Lo fissa il fabbricante, e i testi pretendono un fascicolo difendibile, non un’abitudine. La EU GMP Part II (sezione 1.2) chiede al fabbricante di “designate and document the rationale for the point at which production of the active substance begins” (designare e documentare il razionale del punto in cui inizia la produzione della sostanza attiva), stabilito caso per caso per processi come l’estrazione. Tre parole portano il carico: designare un punto concreto, documentarlo in evidenza leggibile da terzi, sostenerlo con un razionale. Una dichiarazione orale o un’abitudine di settore non reggono davanti a un legislatore, come ho detto il 25 agosto. La stessa sezione aggiunge che la severità GMP “should increase as the process proceeds” (cresce con l’avanzare del processo): un gradiente interno alla fabbricazione della sostanza attiva, che non sposta il confine. ICH Q9(R1) dà il metodo: valutazione del rischio “based on scientific knowledge” (su conoscenza scientifica), legata “to the protection of the patient” (alla protezione del paziente). La scienza dell’essiccazione dimostra che lo step è critico; la classificazione va comunque costruita da uso, stato del materiale e rischio documentato, non dalla sola criticità.
Che cosa significa per una filiera cannabis?

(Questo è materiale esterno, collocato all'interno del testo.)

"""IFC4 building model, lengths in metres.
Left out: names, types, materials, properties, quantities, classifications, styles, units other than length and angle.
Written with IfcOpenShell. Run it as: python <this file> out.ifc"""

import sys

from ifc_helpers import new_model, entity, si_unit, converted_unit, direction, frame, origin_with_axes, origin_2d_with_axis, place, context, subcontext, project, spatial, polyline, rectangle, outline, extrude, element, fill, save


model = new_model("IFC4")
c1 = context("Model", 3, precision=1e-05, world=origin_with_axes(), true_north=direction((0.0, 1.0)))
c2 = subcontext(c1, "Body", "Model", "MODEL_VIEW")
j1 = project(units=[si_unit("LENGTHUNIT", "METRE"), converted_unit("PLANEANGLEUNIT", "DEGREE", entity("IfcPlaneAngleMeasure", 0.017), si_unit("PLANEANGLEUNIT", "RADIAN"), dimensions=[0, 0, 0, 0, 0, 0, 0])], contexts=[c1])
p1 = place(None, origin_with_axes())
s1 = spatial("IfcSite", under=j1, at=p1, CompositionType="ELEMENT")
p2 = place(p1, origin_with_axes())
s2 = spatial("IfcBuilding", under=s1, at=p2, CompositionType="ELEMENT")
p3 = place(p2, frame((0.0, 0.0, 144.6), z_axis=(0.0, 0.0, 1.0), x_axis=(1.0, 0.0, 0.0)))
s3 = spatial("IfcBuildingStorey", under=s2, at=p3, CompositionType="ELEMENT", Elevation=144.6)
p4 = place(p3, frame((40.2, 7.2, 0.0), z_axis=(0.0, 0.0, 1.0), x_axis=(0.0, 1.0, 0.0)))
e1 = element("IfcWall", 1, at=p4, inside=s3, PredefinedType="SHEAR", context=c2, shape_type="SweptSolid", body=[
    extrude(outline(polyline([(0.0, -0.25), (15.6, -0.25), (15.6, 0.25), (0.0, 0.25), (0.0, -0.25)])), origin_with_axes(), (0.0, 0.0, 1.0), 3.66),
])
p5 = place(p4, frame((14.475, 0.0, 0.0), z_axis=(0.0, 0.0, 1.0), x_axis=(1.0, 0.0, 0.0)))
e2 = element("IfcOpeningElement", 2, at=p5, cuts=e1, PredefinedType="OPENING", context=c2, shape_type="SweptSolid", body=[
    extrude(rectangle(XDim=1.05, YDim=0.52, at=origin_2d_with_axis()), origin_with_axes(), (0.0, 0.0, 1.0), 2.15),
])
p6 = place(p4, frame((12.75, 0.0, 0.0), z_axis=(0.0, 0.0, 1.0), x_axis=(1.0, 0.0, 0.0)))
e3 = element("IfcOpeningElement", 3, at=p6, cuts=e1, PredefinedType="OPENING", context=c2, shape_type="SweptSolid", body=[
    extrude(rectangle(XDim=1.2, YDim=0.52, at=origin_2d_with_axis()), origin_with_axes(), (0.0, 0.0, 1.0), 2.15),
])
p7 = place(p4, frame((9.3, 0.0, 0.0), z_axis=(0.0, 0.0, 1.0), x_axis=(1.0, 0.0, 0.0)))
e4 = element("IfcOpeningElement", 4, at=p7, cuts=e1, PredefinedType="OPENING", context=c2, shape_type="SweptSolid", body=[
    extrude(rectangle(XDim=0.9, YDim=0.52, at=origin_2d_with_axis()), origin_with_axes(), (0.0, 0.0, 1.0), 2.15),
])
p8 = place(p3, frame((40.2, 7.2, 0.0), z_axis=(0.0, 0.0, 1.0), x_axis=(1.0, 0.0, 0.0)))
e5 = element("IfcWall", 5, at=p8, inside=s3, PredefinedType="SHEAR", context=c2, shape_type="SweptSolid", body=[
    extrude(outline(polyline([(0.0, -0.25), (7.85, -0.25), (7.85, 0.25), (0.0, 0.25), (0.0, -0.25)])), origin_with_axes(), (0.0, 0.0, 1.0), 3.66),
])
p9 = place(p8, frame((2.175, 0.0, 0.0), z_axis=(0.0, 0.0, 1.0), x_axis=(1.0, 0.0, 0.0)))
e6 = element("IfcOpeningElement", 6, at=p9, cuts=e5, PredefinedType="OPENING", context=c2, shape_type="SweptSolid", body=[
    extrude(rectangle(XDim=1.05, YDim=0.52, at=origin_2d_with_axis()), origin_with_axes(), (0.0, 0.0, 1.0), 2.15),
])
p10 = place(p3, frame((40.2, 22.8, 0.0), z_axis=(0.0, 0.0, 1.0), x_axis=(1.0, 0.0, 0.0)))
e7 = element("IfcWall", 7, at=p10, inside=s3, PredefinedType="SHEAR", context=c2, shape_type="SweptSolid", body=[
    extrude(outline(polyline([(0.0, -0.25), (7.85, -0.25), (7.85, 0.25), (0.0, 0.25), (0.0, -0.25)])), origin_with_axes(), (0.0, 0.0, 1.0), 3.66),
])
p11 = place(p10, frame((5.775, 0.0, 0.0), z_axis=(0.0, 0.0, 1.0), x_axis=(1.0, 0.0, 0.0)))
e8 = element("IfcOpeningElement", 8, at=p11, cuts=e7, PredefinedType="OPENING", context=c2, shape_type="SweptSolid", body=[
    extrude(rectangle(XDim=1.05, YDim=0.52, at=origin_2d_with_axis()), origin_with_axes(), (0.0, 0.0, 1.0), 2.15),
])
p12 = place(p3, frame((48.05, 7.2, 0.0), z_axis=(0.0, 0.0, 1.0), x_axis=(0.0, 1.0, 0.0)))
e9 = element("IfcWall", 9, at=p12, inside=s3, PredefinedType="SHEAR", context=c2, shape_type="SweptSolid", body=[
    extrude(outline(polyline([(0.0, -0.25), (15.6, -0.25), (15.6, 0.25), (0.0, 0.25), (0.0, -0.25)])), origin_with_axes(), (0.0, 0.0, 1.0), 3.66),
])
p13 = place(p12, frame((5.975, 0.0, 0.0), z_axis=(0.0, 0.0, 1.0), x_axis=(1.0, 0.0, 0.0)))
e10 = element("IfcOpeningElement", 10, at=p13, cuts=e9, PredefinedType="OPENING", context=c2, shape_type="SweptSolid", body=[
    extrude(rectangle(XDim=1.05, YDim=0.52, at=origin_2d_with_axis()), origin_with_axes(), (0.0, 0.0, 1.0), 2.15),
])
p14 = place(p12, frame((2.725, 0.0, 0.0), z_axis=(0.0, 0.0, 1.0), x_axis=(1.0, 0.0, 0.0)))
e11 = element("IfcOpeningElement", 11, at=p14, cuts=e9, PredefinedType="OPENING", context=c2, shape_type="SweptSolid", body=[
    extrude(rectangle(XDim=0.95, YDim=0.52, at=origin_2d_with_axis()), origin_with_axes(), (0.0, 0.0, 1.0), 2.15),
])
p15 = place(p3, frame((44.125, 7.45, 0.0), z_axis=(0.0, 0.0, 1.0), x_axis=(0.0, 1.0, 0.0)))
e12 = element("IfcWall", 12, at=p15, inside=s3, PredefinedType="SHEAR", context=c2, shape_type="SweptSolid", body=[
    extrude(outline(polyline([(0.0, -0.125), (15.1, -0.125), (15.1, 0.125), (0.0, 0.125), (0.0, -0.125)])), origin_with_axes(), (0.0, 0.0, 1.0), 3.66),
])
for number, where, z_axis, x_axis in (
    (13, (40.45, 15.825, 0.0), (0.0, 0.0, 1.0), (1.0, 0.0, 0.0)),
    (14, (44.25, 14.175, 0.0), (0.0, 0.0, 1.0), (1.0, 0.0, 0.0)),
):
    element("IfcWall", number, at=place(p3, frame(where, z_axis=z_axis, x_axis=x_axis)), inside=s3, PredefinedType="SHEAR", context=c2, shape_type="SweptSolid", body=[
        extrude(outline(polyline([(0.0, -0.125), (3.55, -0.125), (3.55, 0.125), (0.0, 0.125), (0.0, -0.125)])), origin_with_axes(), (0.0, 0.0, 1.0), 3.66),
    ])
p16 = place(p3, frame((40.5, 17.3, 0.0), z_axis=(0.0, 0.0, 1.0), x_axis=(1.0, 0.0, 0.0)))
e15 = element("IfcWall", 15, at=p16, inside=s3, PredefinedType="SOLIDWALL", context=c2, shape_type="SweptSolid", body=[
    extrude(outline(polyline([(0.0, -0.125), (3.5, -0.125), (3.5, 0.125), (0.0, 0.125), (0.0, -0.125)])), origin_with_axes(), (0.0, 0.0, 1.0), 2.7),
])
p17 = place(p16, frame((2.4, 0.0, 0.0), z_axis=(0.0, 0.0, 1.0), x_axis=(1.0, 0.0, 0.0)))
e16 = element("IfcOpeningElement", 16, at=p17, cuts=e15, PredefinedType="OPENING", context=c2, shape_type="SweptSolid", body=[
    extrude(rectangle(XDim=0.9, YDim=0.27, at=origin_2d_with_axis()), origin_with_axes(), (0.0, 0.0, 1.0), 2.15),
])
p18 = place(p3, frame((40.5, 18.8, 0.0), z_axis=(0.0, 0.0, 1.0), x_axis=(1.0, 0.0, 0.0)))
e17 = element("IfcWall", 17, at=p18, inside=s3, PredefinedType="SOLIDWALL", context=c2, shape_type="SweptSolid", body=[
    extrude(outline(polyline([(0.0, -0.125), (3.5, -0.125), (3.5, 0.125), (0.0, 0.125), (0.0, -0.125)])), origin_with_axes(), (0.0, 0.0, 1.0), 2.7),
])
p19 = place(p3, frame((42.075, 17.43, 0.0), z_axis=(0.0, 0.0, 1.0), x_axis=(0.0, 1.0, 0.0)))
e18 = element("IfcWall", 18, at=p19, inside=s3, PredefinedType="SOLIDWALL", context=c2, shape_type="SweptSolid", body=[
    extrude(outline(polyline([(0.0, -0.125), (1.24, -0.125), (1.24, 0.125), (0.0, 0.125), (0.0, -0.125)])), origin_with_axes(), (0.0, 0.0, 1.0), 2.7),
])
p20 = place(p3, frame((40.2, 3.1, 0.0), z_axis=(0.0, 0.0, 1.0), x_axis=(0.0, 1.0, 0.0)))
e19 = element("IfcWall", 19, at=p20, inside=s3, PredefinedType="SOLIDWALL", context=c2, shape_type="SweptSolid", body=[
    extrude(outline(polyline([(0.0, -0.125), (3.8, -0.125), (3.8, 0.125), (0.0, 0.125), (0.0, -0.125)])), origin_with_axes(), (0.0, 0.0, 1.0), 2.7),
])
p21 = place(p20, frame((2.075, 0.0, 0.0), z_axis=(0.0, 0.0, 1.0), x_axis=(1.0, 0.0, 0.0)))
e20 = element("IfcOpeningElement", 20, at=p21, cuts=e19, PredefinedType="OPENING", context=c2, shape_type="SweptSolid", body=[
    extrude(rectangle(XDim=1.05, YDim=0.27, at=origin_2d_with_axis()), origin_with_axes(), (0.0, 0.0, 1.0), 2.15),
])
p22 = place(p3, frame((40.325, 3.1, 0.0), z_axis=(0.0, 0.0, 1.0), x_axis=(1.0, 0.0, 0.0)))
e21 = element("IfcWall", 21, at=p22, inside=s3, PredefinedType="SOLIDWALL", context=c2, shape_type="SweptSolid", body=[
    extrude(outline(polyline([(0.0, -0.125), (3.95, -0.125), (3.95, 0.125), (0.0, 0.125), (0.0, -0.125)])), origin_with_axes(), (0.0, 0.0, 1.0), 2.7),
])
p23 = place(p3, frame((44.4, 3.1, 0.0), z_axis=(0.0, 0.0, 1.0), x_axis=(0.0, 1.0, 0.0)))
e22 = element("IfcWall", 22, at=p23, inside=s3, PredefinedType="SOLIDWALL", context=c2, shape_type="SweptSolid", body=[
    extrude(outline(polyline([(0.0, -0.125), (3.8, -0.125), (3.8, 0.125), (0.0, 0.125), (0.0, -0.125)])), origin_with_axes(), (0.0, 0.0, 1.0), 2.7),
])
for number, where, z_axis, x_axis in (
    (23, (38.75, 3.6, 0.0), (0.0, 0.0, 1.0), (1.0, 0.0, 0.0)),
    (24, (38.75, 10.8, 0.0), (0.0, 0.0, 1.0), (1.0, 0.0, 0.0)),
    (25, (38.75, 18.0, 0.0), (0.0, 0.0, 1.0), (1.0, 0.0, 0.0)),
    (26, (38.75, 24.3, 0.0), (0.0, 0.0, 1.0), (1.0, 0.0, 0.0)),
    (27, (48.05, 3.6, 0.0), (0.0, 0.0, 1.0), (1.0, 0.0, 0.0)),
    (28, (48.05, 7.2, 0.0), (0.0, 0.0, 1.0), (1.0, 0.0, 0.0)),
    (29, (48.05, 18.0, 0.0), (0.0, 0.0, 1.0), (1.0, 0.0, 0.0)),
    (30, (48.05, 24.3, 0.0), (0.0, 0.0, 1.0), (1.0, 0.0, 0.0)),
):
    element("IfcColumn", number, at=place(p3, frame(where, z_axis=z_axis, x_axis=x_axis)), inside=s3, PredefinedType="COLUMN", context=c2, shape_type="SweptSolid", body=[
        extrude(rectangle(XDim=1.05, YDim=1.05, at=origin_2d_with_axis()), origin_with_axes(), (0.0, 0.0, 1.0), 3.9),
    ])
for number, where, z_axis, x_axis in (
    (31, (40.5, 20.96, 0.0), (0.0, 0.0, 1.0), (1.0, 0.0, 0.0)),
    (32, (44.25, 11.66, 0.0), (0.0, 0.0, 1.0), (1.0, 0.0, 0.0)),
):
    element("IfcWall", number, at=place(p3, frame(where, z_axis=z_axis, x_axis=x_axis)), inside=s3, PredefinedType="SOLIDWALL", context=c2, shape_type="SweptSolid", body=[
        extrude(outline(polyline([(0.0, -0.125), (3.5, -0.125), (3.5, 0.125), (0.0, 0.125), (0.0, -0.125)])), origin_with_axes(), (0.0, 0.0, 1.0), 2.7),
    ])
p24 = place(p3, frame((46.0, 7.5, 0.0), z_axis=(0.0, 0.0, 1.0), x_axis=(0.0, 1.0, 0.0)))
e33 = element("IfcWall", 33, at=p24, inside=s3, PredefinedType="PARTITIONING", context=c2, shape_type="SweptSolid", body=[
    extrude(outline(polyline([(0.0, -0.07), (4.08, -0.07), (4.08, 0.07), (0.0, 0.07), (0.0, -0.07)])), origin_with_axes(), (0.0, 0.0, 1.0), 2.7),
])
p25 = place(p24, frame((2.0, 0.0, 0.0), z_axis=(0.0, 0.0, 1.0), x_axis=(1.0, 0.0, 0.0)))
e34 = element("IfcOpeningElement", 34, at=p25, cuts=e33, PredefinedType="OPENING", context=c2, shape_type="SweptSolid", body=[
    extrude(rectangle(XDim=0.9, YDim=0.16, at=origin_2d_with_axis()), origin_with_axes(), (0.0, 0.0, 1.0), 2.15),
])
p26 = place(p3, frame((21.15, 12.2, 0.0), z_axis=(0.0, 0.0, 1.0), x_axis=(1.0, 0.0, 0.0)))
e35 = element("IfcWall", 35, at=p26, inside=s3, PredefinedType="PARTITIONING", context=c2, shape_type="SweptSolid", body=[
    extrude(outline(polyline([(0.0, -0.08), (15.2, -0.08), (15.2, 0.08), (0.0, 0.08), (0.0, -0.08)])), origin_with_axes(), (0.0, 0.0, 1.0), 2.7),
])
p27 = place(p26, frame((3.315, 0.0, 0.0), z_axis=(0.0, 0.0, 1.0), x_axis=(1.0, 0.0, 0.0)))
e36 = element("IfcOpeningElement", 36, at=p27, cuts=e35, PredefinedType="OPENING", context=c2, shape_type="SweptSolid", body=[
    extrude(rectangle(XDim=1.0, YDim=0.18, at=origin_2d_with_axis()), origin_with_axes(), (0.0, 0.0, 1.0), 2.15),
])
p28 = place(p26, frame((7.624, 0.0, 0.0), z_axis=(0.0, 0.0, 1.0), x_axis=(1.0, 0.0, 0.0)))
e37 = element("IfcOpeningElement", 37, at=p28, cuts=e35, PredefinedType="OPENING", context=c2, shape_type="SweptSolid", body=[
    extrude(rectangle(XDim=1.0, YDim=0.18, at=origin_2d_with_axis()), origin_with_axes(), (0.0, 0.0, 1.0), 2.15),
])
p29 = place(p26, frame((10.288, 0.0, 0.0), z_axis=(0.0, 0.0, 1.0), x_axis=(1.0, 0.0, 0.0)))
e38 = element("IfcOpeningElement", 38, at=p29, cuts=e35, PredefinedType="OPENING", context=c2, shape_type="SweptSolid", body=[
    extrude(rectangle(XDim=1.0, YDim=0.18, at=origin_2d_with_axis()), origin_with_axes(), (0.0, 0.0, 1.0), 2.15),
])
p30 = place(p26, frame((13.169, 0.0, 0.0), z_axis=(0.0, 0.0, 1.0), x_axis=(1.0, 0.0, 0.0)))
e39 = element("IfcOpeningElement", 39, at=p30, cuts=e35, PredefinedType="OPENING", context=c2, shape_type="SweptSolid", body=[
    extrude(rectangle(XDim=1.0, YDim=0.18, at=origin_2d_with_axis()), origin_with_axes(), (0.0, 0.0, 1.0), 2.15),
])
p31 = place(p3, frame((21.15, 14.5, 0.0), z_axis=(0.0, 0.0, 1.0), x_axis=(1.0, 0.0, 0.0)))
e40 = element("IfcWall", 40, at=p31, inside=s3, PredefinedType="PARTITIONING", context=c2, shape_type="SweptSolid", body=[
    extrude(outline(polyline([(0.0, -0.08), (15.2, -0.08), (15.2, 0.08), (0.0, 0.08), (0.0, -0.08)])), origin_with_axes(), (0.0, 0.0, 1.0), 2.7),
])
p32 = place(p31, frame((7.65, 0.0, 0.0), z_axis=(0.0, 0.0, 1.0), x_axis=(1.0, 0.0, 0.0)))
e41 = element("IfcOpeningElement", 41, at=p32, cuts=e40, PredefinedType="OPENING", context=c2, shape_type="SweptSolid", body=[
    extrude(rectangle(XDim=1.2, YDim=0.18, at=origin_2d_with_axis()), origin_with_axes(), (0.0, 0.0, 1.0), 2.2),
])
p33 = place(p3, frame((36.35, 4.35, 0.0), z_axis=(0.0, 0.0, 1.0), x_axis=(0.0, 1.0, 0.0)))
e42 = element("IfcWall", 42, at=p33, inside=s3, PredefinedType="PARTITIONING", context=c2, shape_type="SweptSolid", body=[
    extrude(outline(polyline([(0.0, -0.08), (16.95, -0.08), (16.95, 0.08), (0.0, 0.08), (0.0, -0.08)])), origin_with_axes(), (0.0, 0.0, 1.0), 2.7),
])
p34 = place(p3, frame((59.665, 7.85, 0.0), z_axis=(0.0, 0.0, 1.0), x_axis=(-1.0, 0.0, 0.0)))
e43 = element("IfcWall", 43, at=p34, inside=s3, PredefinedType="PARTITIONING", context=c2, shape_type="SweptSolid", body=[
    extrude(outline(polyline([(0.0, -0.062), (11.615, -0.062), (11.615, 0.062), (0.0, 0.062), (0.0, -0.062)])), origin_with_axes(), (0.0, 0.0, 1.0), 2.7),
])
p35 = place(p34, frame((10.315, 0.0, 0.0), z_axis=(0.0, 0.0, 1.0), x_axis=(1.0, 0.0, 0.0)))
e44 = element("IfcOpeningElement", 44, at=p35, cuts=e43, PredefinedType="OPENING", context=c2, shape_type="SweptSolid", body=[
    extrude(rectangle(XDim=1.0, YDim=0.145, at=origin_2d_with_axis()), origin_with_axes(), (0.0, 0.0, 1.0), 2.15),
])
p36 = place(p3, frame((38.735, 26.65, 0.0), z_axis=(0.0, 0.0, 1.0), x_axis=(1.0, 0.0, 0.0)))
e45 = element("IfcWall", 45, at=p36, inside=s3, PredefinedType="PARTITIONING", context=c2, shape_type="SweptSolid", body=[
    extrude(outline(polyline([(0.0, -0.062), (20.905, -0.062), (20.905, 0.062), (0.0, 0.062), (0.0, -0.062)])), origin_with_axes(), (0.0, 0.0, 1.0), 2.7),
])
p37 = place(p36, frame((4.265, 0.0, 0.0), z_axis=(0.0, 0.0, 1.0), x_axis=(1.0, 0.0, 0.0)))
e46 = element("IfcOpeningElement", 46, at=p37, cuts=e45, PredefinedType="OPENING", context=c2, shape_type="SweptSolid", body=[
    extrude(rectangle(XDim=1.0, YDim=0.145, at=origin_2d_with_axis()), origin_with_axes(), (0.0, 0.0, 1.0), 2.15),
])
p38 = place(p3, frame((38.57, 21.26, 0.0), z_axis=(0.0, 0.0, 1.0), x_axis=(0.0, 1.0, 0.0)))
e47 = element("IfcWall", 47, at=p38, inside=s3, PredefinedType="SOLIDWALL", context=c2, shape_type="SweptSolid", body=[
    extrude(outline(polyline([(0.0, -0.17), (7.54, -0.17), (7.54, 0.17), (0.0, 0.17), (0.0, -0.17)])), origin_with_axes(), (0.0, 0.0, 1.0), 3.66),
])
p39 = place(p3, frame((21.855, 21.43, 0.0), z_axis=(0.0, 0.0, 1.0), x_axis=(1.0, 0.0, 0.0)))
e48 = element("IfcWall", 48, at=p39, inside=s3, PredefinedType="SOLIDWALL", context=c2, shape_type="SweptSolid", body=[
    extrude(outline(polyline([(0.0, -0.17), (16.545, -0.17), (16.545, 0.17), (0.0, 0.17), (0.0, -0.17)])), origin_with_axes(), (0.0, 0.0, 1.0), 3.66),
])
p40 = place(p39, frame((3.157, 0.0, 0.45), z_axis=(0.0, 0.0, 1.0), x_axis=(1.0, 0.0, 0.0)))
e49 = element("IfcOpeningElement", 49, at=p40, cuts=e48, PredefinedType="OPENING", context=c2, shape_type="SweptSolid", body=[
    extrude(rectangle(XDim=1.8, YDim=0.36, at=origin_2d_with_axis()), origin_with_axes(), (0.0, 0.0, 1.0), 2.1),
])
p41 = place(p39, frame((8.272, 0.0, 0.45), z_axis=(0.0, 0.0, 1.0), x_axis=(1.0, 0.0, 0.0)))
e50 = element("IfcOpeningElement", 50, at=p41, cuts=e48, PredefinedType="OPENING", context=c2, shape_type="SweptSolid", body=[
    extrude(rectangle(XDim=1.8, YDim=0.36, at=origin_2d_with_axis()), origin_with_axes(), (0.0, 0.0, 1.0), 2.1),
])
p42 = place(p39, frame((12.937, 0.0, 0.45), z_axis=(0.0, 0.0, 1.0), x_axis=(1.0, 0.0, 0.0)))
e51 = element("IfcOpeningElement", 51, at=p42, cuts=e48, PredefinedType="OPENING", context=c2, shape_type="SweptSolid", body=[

Significa che il confine è una decisione di governance che qualcuno deve possedere, documentare e difendere, e nella cannabis quel peso arriva presto. In gran parte del mercato il prodotto viaggia senza AIC ordinaria, quindi il documento esterno a cui i testi rimandano va letto come autorizzazione nazionale applicabile o via legale di fornitura, e la classificazione ricade sul fabbricante che usa il materiale. Le autorità premono già su questa cucitura: nel 2026 l’autorità di vigilanza farmaceutica del Land tedesco dell’Assia (un Land, non il BfArM federale) ha diffuso una nota che legge l’essiccazione controllata dei fiori come step critico di fabbricazione. Qualunque peso le diate, chi compra ormai chiede al fornitore il fascicolo del confine: dove inizia la GMP, designato, documentato, motivato. La mia regola di lavoro, detta al webinar, vale per entrambi i lati del tavolo: non dobbiamo inventare nessuna formula commerciale per spiegare GACP o GMP. Dobbiamo sempre tornare alle guideline.